The passage I quote above speaks of "out-of-sample" generalisation, not "test-set" generalisation. These are not the same.
Unfortunately such terminological confusion is common but "out-of-sample" should really be reserved for data that was not available during development of a system, either as a training, evaluation or testing partition. That, because "out of sample" suggests that the data was drawn from a different distribution than the, well, training sample (where the training sample is then subdivided to training, evaluation and testing partitions), i.e. the true distribution, so the real world.
I guess the OP is instead using "out-of-sample" to mean "test set" (which is not uncommon), but in that case we don't need to look all the way to learning theory to figure it out: published results are well known to select for successful experiments, in machine learning as in many areas of research, unfortunately.
So, the thing that I think is most important about the article (which was wonderful, btw) is the double descent loss curve. Originally demonstrated for boosting in 1989, it seems to have made a comeback since 2016.
That being said, this kind of stuff is gonna mostly be in the papers, so I suggest following the interesting references from the article, and repeating until you feel you understand :)
This is pretty common in many fields. Researchers don't have time to read they say. I see people that complain when they have to read one paper a week... This is disastrous in some labs where their only work is to rediscover things and add make-up so it looks new once they realize it is not.
Have you got a reference for the 1989 discovery of double descent? I brief Googling didn't unearth it. I'm not "citation needed"-ing you. I think a lot of decision-tree and boosting work is being rediscovered by the DL community. I would love to see the original discovery.
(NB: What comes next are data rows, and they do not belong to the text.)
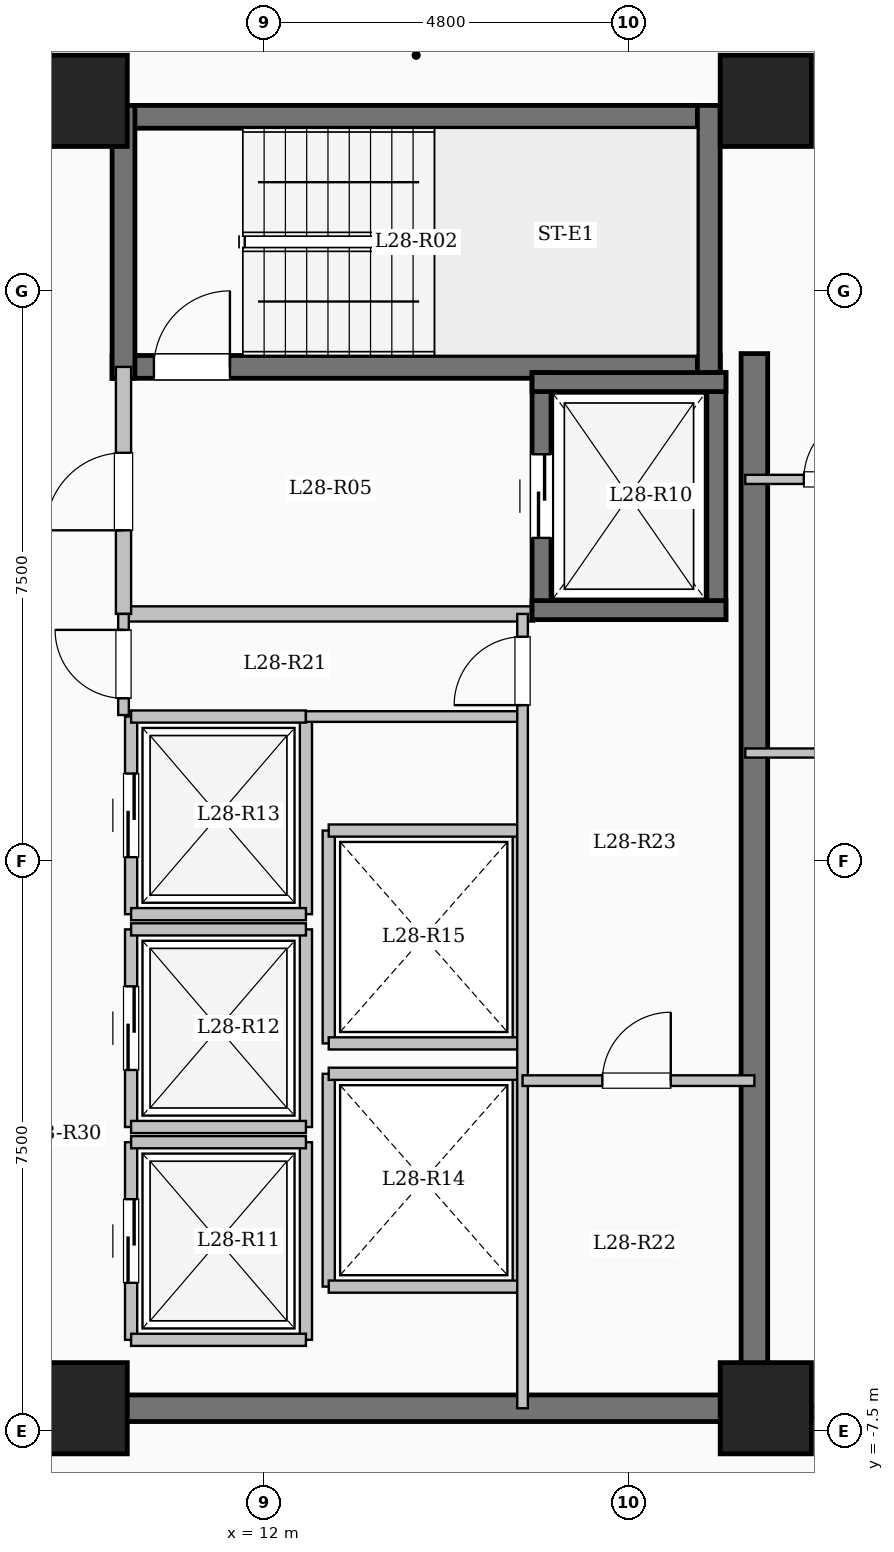
"""IFC4 building model, lengths in metres.
Left out: names, types, materials, properties, quantities, classifications, styles, units other than length and angle.
Written with IfcOpenShell. Run it as: python <this file> out.ifc"""

import sys

from ifc_helpers import new_model, si_unit, direction, frame, frame_2d, origin, origin_2d, place, context, subcontext, project, spatial, rectangle, extrude, element, fill, save


model = new_model("IFC4")
c1 = context("Model", 3, precision=1e-05, world=origin(), true_north=direction((0.0, 1.0)))
c2 = subcontext(c1, "Body", "Model", "MODEL_VIEW")
j1 = project(units=[si_unit("LENGTHUNIT", "METRE"), si_unit("PLANEANGLEUNIT", "RADIAN")], contexts=[c1])
p1 = place(None, origin())
s1 = spatial("IfcSite", under=j1, at=p1, CompositionType="ELEMENT")
p2 = place(p1, origin())
s2 = spatial("IfcBuilding", under=s1, at=p2, CompositionType="ELEMENT")
p3 = place(p2, frame((0.0, 0.0, 105.1)))
s3 = spatial("IfcBuildingStorey", under=s2, at=p3, CompositionType="ELEMENT", Elevation=105.1)
for number, where, z_axis, x_axis in (
    (1, (9.6, -7.2, 0.0), (0.0, 0.0, 1.0), (1.0, 0.0, 0.0)),
    (2, (9.6, 10.0, 0.0), (0.0, 0.0, 1.0), (1.0, 0.0, 0.0)),
    (3, (18.6, -7.2, 0.0), (0.0, 0.0, 1.0), (1.0, 0.0, 0.0)),
    (4, (18.6, 10.0, 0.0), (0.0, 0.0, 1.0), (1.0, 0.0, 0.0)),
):
    element("IfcColumn", number, at=place(p3, frame(where, z_axis=z_axis, x_axis=x_axis)), inside=s3, PredefinedType="COLUMN", context=c2, shape_type="SweptSolid", body=[
        extrude(rectangle(XDim=1.2, YDim=1.2, at=origin_2d()), origin(), (0.0, 0.0, 1.0), 3.35),
    ])
p4 = place(p3, frame((10.0, 9.79, 0.0), z_axis=(0.0, 0.0, 1.0), x_axis=(1.0, 0.0, 0.0)))
e5 = element("IfcWall", 5, at=p4, inside=s3, PredefinedType="SHEAR", context=c2, shape_type="SweptSolid", body=[
    extrude(rectangle(XDim=8.0, YDim=0.3, at=frame_2d((4.0, 0.0))), origin(), (0.0, 0.0, 1.0), 3.35),
])
p5 = place(p3, frame((10.0, 6.5, 0.0), z_axis=(0.0, 0.0, 1.0), x_axis=(1.0, 0.0, 0.0)))
e6 = element("IfcWall", 6, at=p5, inside=s3, PredefinedType="SHEAR", context=c2, shape_type="SweptSolid", body=[
    extrude(rectangle(XDim=8.0, YDim=0.3, at=frame_2d((4.0, 0.0))), origin(), (0.0, 0.0, 1.0), 3.35),
])
p6 = place(p5, frame((0.55, 0.0, 0.0)))
e7 = element("IfcOpeningElement", 7, at=p6, cuts=e6, PredefinedType="OPENING", context=c2, shape_type="SweptSolid", body=[
    extrude(rectangle(XDim=1.0, YDim=2.15, at=frame_2d((0.5, 1.075))), frame((0.0, 0.16, 0.0), z_axis=(0.0, -1.0, 0.0), x_axis=(1.0, 0.0, 0.0)), (0.0, 0.0, 1.0), 0.32),
])
for number, where, z_axis, x_axis in (
    (8, (10.15, 6.35, 0.0), (0.0, 0.0, 1.0), (0.0, 1.0, 0.0)),
    (9, (17.85, 6.35, 0.0), (0.0, 0.0, 1.0), (0.0, 1.0, 0.0)),
):
    element("IfcWall", number, at=place(p3, frame(where, z_axis=z_axis, x_axis=x_axis)), inside=s3, PredefinedType="SHEAR", context=c2, shape_type="SweptSolid", body=[
        extrude(rectangle(XDim=3.59, YDim=0.3, at=frame_2d((1.795, 0.0))), origin(), (0.0, 0.0, 1.0), 3.35),
    ])
p7 = place(p3, frame((10.15, 3.25, 0.0), z_axis=(0.0, 0.0, 1.0), x_axis=(1.0, 0.0, 0.0)))
e10 = element("IfcWall", 10, at=p7, inside=s3, PredefinedType="SOLIDWALL", context=c2, shape_type="SweptSolid", body=[
    extrude(rectangle(XDim=5.4, YDim=0.2, at=frame_2d((2.7, 0.0))), origin(), (0.0, 0.0, 1.0), 3.1),
])
p8 = place(p3, frame((10.15, 3.25, 0.0), z_axis=(0.0, 0.0, 1.0), x_axis=(0.0, 1.0, 0.0)))
e11 = element("IfcWall", 11, at=p8, inside=s3, PredefinedType="SOLIDWALL", context=c2, shape_type="SweptSolid", body=[
    extrude(rectangle(XDim=3.25, YDim=0.2, at=frame_2d((1.625, 0.0))), origin(), (0.0, 0.0, 1.0), 3.1),
])
p9 = place(p8, frame((1.1, 0.0, 0.0)))
e12 = element("IfcOpeningElement", 12, at=p9, cuts=e11, PredefinedType="OPENING", context=c2, shape_type="SweptSolid", body=[
    extrude(rectangle(XDim=1.02, YDim=2.15, at=frame_2d((0.51, 1.075))), frame((0.0, 0.11, 0.0), z_axis=(0.0, -1.0, 0.0), x_axis=(1.0, 0.0, 0.0)), (0.0, 0.0, 1.0), 0.22),
])
p10 = place(p3, frame((15.65, 3.175, 0.0), z_axis=(0.0, 0.0, 1.0), x_axis=(0.0, 1.0, 0.0)))
e13 = element("IfcWall", 13, at=p10, inside=s3, PredefinedType="SHEAR", context=c2, shape_type="SweptSolid", body=[
    extrude(rectangle(XDim=3.25, YDim=0.25, at=frame_2d((1.625, 0.0))), origin(), (0.0, 0.0, 1.0), 3.35),
])
p11 = place(p10, frame((1.075, 0.0, 0.0)))
e14 = element("IfcOpeningElement", 14, at=p11, cuts=e13, PredefinedType="OPENING", context=c2, shape_type="SweptSolid", body=[
    extrude(rectangle(XDim=1.1, YDim=2.15, at=frame_2d((0.55, 1.075))), frame((0.0, 0.135, 0.0), z_axis=(0.0, -1.0, 0.0), x_axis=(1.0, 0.0, 0.0)), (0.0, 0.0, 1.0), 0.27),
])
p12 = place(p3, frame((17.95, 3.175, 0.0), z_axis=(0.0, 0.0, 1.0), x_axis=(0.0, 1.0, 0.0)))
e15 = element("IfcWall", 15, at=p12, inside=s3, PredefinedType="SHEAR", context=c2, shape_type="SweptSolid", body=[
    extrude(rectangle(XDim=3.25, YDim=0.25, at=frame_2d((1.625, 0.0))), origin(), (0.0, 0.0, 1.0), 3.35),
])
for number, where, z_axis, x_axis in (
    (16, (15.525, 3.3, 0.0), (0.0, 0.0, 1.0), (1.0, 0.0, 0.0)),
    (17, (15.525, 6.3, 0.0), (0.0, 0.0, 1.0), (1.0, 0.0, 0.0)),
):
    element("IfcWall", number, at=place(p3, frame(where, z_axis=z_axis, x_axis=x_axis)), inside=s3, PredefinedType="SHEAR", context=c2, shape_type="SweptSolid", body=[
        extrude(rectangle(XDim=2.55, YDim=0.25, at=frame_2d((1.275, 0.0))), origin(), (0.0, 0.0, 1.0), 3.35),
    ])
p13 = place(p3, frame((10.25, -6.3, 0.0), z_axis=(0.0, 0.0, 1.0), x_axis=(0.0, 1.0, 0.0)))
e18 = element("IfcWall", 18, at=p13, inside=s3, PredefinedType="SOLIDWALL", context=c2, shape_type="SweptSolid", body=[
    extrude(rectangle(XDim=2.6, YDim=0.16, at=frame_2d((1.3, 0.0))), origin(), (0.0, 0.0, 1.0), 3.1),
])
p14 = place(p13, frame((0.75, 0.0, 0.0)))
e19 = element("IfcOpeningElement", 19, at=p14, cuts=e18, PredefinedType="OPENING", context=c2, shape_type="SweptSolid", body=[
    extrude(rectangle(XDim=1.1, YDim=2.15, at=frame_2d((0.55, 1.075))), frame((0.0, 0.09, 0.0), z_axis=(0.0, -1.0, 0.0), x_axis=(1.0, 0.0, 0.0)), (0.0, 0.0, 1.0), 0.18),
])
p15 = place(p3, frame((12.55, -6.3, 0.0), z_axis=(0.0, 0.0, 1.0), x_axis=(0.0, 1.0, 0.0)))
e20 = element("IfcWall", 20, at=p15, inside=s3, PredefinedType="SOLIDWALL", context=c2, shape_type="SweptSolid", body=[
    extrude(rectangle(XDim=2.6, YDim=0.16, at=frame_2d((1.3, 0.0))), origin(), (0.0, 0.0, 1.0), 3.1),
])
for number, where, z_axis, x_axis in (
    (21, (10.25, -6.3, 0.0), (0.0, 0.0, 1.0), (1.0, 0.0, 0.0)),
    (22, (10.25, -3.7, 0.0), (0.0, 0.0, 1.0), (1.0, 0.0, 0.0)),
):
    element("IfcWall", number, at=place(p3, frame(where, z_axis=z_axis, x_axis=x_axis)), inside=s3, PredefinedType="SOLIDWALL", context=c2, shape_type="SweptSolid", body=[
        extrude(rectangle(XDim=2.3, YDim=0.16, at=frame_2d((1.15, 0.0))), origin(), (0.0, 0.0, 1.0), 3.1),
    ])
p16 = place(p3, frame((10.25, -3.5, 0.0), z_axis=(0.0, 0.0, 1.0), x_axis=(0.0, 1.0, 0.0)))
e23 = element("IfcWall", 23, at=p16, inside=s3, PredefinedType="SOLIDWALL", context=c2, shape_type="SweptSolid", body=[
    extrude(rectangle(XDim=2.6, YDim=0.16, at=frame_2d((1.3, 0.0))), origin(), (0.0, 0.0, 1.0), 3.1),
])
p17 = place(p16, frame((0.75, 0.0, 0.0)))
e24 = element("IfcOpeningElement", 24, at=p17, cuts=e23, PredefinedType="OPENING", context=c2, shape_type="SweptSolid", body=[
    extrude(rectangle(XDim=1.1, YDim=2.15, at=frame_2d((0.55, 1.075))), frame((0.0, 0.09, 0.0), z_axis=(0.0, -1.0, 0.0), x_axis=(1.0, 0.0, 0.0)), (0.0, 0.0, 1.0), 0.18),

Rather like the 1957 development of cross-validation (which I remember reading, but definitely don't have a cite for), the double descent thing is part of the paper that is used on the way to something else.
Do you mean the boosting graphs in Fig. 1, 4 of that paper?
It looks though that they have a double descent on the train set too, so it might not be the same phenomenon.
Nevertheless, good to know, thanks for sharing! I knew both papers but never thought giving much attention to such details of the figures of the 1998 one. Is the connection between the papers well known, i.e. something people talk about?
The data fed into these systems is just measurements of target systems (eg., of light for photographs). This data is radically incomplete, so no compression of it will be an accurate (eg., 3d) model.
To reconstruct the world you need to measure the measuring device (ie., the body) as it interacts with the target system. In most cases you need, also, the hypothesis behind the action to resolve ambiguity in the measurement data.
Eg., you need to know you moved your hand to touch the fireplace to properly interpret what 'finger pain' means.
It is for reasons of this kind that 'comprehension' is an engineering problem, not a programme for a universal turing machine (which has no device boundaries).
It is engineering in the sense that 'compression' has to occur under the right measurement procedures, with hypothesis-laden action, etc.
Focusing on mathematical abstracta completely misses the problem.
All deep systems do is compress their training data to form archetypes and compare novel input to compressed archetypes. Since the data itself is necessarily profoundly ambiguous there is only a trivial sense of 'generalisation' achievd.